Aufstiegskämpfe und neue Heimstätte

1968 traten die Germanen als Meister der Nordbadischen Oberliga zu den Aufstiegskämpfen gegen Bad Reichenhall, Baienfurt und Heussweiler zur neuen Bundesliga an. Trotz verpasstem Aufstieg waren die Meisterhelden in aller Munde.
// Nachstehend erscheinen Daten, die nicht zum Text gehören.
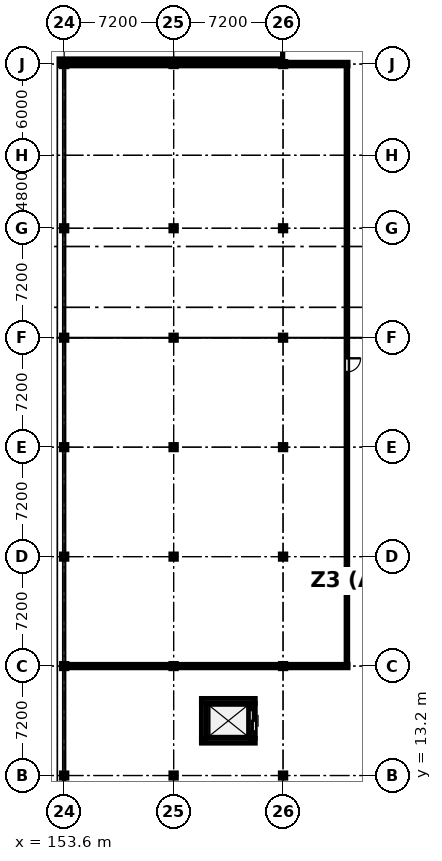
"""IFC4 building model, lengths in metres.
Left out: names, types, materials, properties, quantities, classifications, styles, units other than length and angle.
Written with IfcOpenShell. Run it as: python <this file> out.ifc"""

import sys

from ifc_helpers import new_model, si_unit, direction, frame, frame_2d, origin, origin_2d, place, context, subcontext, project, spatial, rectangle, i_section, extrude, element, fill, save


model = new_model("IFC4")
c1 = context("Model", 3, precision=1e-05, world=origin(), true_north=direction((0.0, 1.0)))
c2 = subcontext(c1, "Body", "Model", "MODEL_VIEW")
j1 = project(units=[si_unit("LENGTHUNIT", "METRE"), si_unit("PLANEANGLEUNIT", "RADIAN")], contexts=[c1])
p1 = place(None, origin())
s1 = spatial("IfcSite", under=j1, at=p1, CompositionType="ELEMENT")
p2 = place(p1, origin())
s2 = spatial("IfcBuilding", under=s1, at=p2, CompositionType="ELEMENT")
p3 = place(p2, frame((0.0, 0.0, 9.3)))
s3 = spatial("IfcBuildingStorey", under=s2, at=p3, CompositionType="ELEMENT", Elevation=9.3)
for number, where, z_axis, x_axis in (
    (1, (153.6, 13.2, 0.0), (0.0, 0.0, 1.0), (1.0, 0.0, 0.0)),
    (2, (153.6, 20.4, 0.0), (0.0, 0.0, 1.0), (1.0, 0.0, 0.0)),
    (3, (153.6, 27.6, 0.0), (0.0, 0.0, 1.0), (1.0, 0.0, 0.0)),
    (4, (153.6, 34.8, 0.0), (0.0, 0.0, 1.0), (1.0, 0.0, 0.0)),
    (5, (153.6, 42.0, 0.0), (0.0, 0.0, 1.0), (1.0, 0.0, 0.0)),
    (6, (153.6, 49.2, 0.0), (0.0, 0.0, 1.0), (1.0, 0.0, 0.0)),
    (7, (153.6, 60.0, 0.0), (0.0, 0.0, 1.0), (1.0, 0.0, 0.0)),
    (8, (160.8, 13.2, 0.0), (0.0, 0.0, 1.0), (1.0, 0.0, 0.0)),
    (9, (160.8, 20.4, 0.0), (0.0, 0.0, 1.0), (1.0, 0.0, 0.0)),
    (10, (160.8, 27.6, 0.0), (0.0, 0.0, 1.0), (1.0, 0.0, 0.0)),
    (11, (160.8, 34.8, 0.0), (0.0, 0.0, 1.0), (1.0, 0.0, 0.0)),
    (12, (160.8, 42.0, 0.0), (0.0, 0.0, 1.0), (1.0, 0.0, 0.0)),
    (13, (160.8, 49.2, 0.0), (0.0, 0.0, 1.0), (1.0, 0.0, 0.0)),
    (14, (160.8, 60.0, 0.0), (0.0, 0.0, 1.0), (1.0, 0.0, 0.0)),
    (15, (168.0, 13.2, 0.0), (0.0, 0.0, 1.0), (1.0, 0.0, 0.0)),
    (16, (168.0, 20.4, 0.0), (0.0, 0.0, 1.0), (1.0, 0.0, 0.0)),
    (17, (168.0, 27.6, 0.0), (0.0, 0.0, 1.0), (1.0, 0.0, 0.0)),
    (18, (168.0, 34.8, 0.0), (0.0, 0.0, 1.0), (1.0, 0.0, 0.0)),
    (19, (168.0, 42.0, 0.0), (0.0, 0.0, 1.0), (1.0, 0.0, 0.0)),
    (20, (168.0, 49.2, 0.0), (0.0, 0.0, 1.0), (1.0, 0.0, 0.0)),
    (21, (168.0, 60.0, 0.0), (0.0, 0.0, 1.0), (1.0, 0.0, 0.0)),
):
    element("IfcColumn", number, at=place(p3, frame(where, z_axis=z_axis, x_axis=x_axis)), inside=s3, PredefinedType="COLUMN", context=c2, shape_type="SweptSolid", body=[
        extrude(i_section(OverallWidth=0.368, OverallDepth=0.356, WebThickness=0.011, FlangeThickness=0.018, FilletRadius=0.015, at=origin_2d()), origin(), (0.0, 0.0, 1.0), 3.9),
    ])
for number, where, z_axis, x_axis in (
    (22, (166.175, 15.488, 0.0), (0.0, 0.0, 1.0), (-1.0, 0.0, 0.0)),
    (23, (162.625, 18.112, 0.0), (0.0, 0.0, 1.0), (1.0, 0.0, 0.0)),
):
    element("IfcWall", number, at=place(p3, frame(where, z_axis=z_axis, x_axis=x_axis)), inside=s3, PredefinedType="SHEAR", context=c2, shape_type="SweptSolid", body=[
        extrude(rectangle(XDim=3.55, YDim=0.325, at=frame_2d((1.775, 0.0))), origin(), (0.0, 0.0, 1.0), 3.6),
    ])
p4 = place(p3, frame((162.788, 15.65, 0.0), z_axis=(0.0, 0.0, 1.0), x_axis=(0.0, 1.0, 0.0)))
e24 = element("IfcWall", 24, at=p4, inside=s3, PredefinedType="SHEAR", context=c2, shape_type="SweptSolid", body=[
    extrude(rectangle(XDim=2.3, YDim=0.325, at=frame_2d((1.15, 0.0))), origin(), (0.0, 0.0, 1.0), 3.6),
])
p5 = place(p3, frame((166.012, 17.95, 0.0), z_axis=(0.0, 0.0, 1.0), x_axis=(0.0, -1.0, 0.0)))
e25 = element("IfcWall", 25, at=p5, inside=s3, PredefinedType="SHEAR", context=c2, shape_type="SweptSolid", body=[
    extrude(rectangle(XDim=2.3, YDim=0.325, at=frame_2d((1.15, 0.0))), origin(), (0.0, 0.0, 1.0), 3.6),
])
p6 = place(p5, frame((0.45, 0.0, 0.0)))
e26 = element("IfcOpeningElement", 26, at=p6, cuts=e25, PredefinedType="OPENING", context=c2, shape_type="SweptSolid", body=[
    extrude(rectangle(XDim=1.4, YDim=2.3, at=frame_2d((0.7, 1.15))), frame((0.0, 0.172, 0.0), z_axis=(0.0, -1.0, 0.0), x_axis=(1.0, 0.0, 0.0)), (0.0, 0.0, 1.0), 0.345),
])
p7 = place(p3, frame((172.28, 20.4, 0.0), z_axis=(0.0, 0.0, 1.0), x_axis=(-1.0, 0.0, 0.0)))
e27 = element("IfcWall", 27, at=p7, inside=s3, PredefinedType="PARTITIONING", context=c2, shape_type="SweptSolid", body=[
    extrude(rectangle(XDim=18.548, YDim=0.235, at=frame_2d((9.274, 0.0))), origin(), (0.0, 0.0, 1.0), 2.823),
])
p8 = place(p3, frame((153.732, 60.0, 0.0), z_axis=(0.0, 0.0, 1.0), x_axis=(1.0, 0.0, 0.0)))
e28 = element("IfcWall", 28, at=p8, inside=s3, PredefinedType="PARTITIONING", context=c2, shape_type="SweptSolid", body=[
    extrude(rectangle(XDim=18.548, YDim=0.25, at=frame_2d((9.274, 0.0))), origin(), (0.0, 0.0, 1.0), 2.823),
])
p9 = place(p3, frame((172.2, 59.873, 0.0), z_axis=(0.0, 0.0, 1.0), x_axis=(0.0, -1.0, 0.0)))
e29 = element("IfcWall", 29, at=p9, inside=s3, PredefinedType="PARTITIONING", context=c2, shape_type="SweptSolid", body=[
    extrude(rectangle(XDim=39.354, YDim=0.115, at=frame_2d((19.677, 0.0))), origin(), (0.0, 0.0, 1.0), 2.823),
])
p10 = place(p9, frame((19.227, 0.0, 0.0)))
e30 = element("IfcOpeningElement", 30, at=p10, cuts=e29, PredefinedType="OPENING", context=c2, shape_type="SweptSolid", body=[
    extrude(rectangle(XDim=0.9, YDim=2.1, at=frame_2d((0.45, 1.05))), frame((0.0, 0.067, 0.0), z_axis=(0.0, -1.0, 0.0), x_axis=(1.0, 0.0, 0.0)), (0.0, 0.0, 1.0), 0.135),
])
p11 = place(p9, frame((21.377, 0.0, 0.95)))
e31 = element("IfcOpeningElement", 31, at=p11, cuts=e29, PredefinedType="OPENING", context=c2, shape_type="SweptSolid", body=[
    extrude(rectangle(XDim=1.4, YDim=1.0, at=frame_2d((0.7, 0.5))), frame((0.0, 0.067, 0.0), z_axis=(0.0, -1.0, 0.0), x_axis=(1.0, 0.0, 0.0)), (0.0, 0.0, 1.0), 0.135),
])
p12 = place(p6, origin())
e32 = element("IfcDoor", 32, at=p12, inside=s3, OperationType="DOUBLE_DOOR_SLIDING", PredefinedType="DOOR", context=c2, shape_type="SweptSolid", body=[
    extrude(rectangle(XDim=1.4, YDim=2.3, at=frame_2d((0.7, 1.15))), frame((0.0, 0.025, 0.0), z_axis=(0.0, -1.0, 0.0), x_axis=(1.0, 0.0, 0.0)), (0.0, 0.0, 1.0), 0.05),
])
fill(e26, e32)
p13 = place(p10, origin())
e33 = element("IfcDoor", 33, at=p13, inside=s3, OperationType="SINGLE_SWING_LEFT", PredefinedType="DOOR", context=c2, shape_type="SweptSolid", body=[
    extrude(rectangle(XDim=0.9, YDim=2.1, at=frame_2d((0.45, 1.05))), frame((0.0, 0.025, 0.0), z_axis=(0.0, -1.0, 0.0), x_axis=(1.0, 0.0, 0.0)), (0.0, 0.0, 1.0), 0.05),
])
fill(e30, e33)
p14 = place(p11, origin())
e34 = element("IfcWindow", 34, at=p14, inside=s3, PartitioningType="SINGLE_PANEL", PredefinedType="WINDOW", context=c2, shape_type="SweptSolid", body=[
    extrude(rectangle(XDim=1.4, YDim=1.0, at=frame_2d((0.7, 0.5))), frame((0.0, 0.03, 0.0), z_axis=(0.0, -1.0, 0.0), x_axis=(1.0, 0.0, 0.0)), (0.0, 0.0, 1.0), 0.06),
])
fill(e31, e34)
save(model, sys.argv[1])

Mit dem Bau der Steinbachhalle am Fürstenweiher bekommt der AC Germania erstmals eine eigene, moderne Trainingsstätte. Die Halle wird zum Herzstück des Vereinslebens — und ist es bis heute.

1976 musste man jedoch als Tabellenvierter der Badenliga wegen einer Umstrukturierung in die Oberliga weichen.

1981

Jubiläum und sportliche Entwicklung

Mit 800 Gästen feiert der Verein sein 90Jähriges Jubiläum in der jungen Köpfelhalle.

1984 muss der Verein nach achtjähriger Zugehörigkeit sich aus der Oberliga in die tiefere Verbandsliga verabschieden.

Doch es war dort nur ein Gastspiel. Nachdem die Ziegelhäuser Ringer bereits zwei Jahre später wieder den Aufstieg feiern konnten, stellte sich das Team 1988 den AC-Fans erneut in der zweithöchsten deutschen Ringerklasse, der 2. Bundesliga, vor.

1991

100 Jahre AC Germania

Ein Jahrhundert Vereinsgeschichte wird mit einem großen Festakt und Jubiläumsturnier gefeiert. Ehrengäste aus Politik und Sport würdigen die Verdienste des Vereins für den Ringsport in der Region Heidelberg.

Der Präsident des nordbadischen Ringerverbandes, Rolf Backhaus, würdigte den AC Germania als "Aushängeschild im Verband".

1994 jubelte die gesamte AC-Ringergemeinde über die Meisterschaft in der 2. Bundesliga und die damit verbundenen Aufstiegskämpfe zur 1. Bundesliga, die man tragisch gegen Nürnberg verloren geben musste.

2000

Abstieg und neue Wege

Nach zwölfjähriger Bundesligazugehörigkeit mussten die Ziegelhäuser Ringer ihre Mannschaft in die Verbandsliga zurückziehen. Zeit für einen Neustart.

Nach 37 Funktionärsjahren übergab im Jahr 2003 Klaus Teichgräber den 1. Vorsitz an Peter Bickel. Unter seiner Leitung gelang es die Ringer-Niederungen nach nur zwei Jahren wieder zu verlassen.

Im Jahr 2006 war man schon wieder drittklassig und trat in der Regionalliga an.

2007 gründete sich in der Gaststätte "Zum Waldhorn" ein Förderverein für die Ziegelhäuser Ringer, der bis heute besteht.

2012

Ein Traum wird wahr

Die Steinbachhalle erstrahlte nach umfassender Generalsanierung in neuem Glanz. Für den AC Germania wurde ein Traum wahr: Mit dem Manfred-Wunderli-Trainingsraum verfügt der ACZ seitdem über einen 270 Quadratmeter großen Trainings- und Aufenthaltsbereich, inklusive einer fest verlegten, neunmal zwanzig Meter großen Ringermatte.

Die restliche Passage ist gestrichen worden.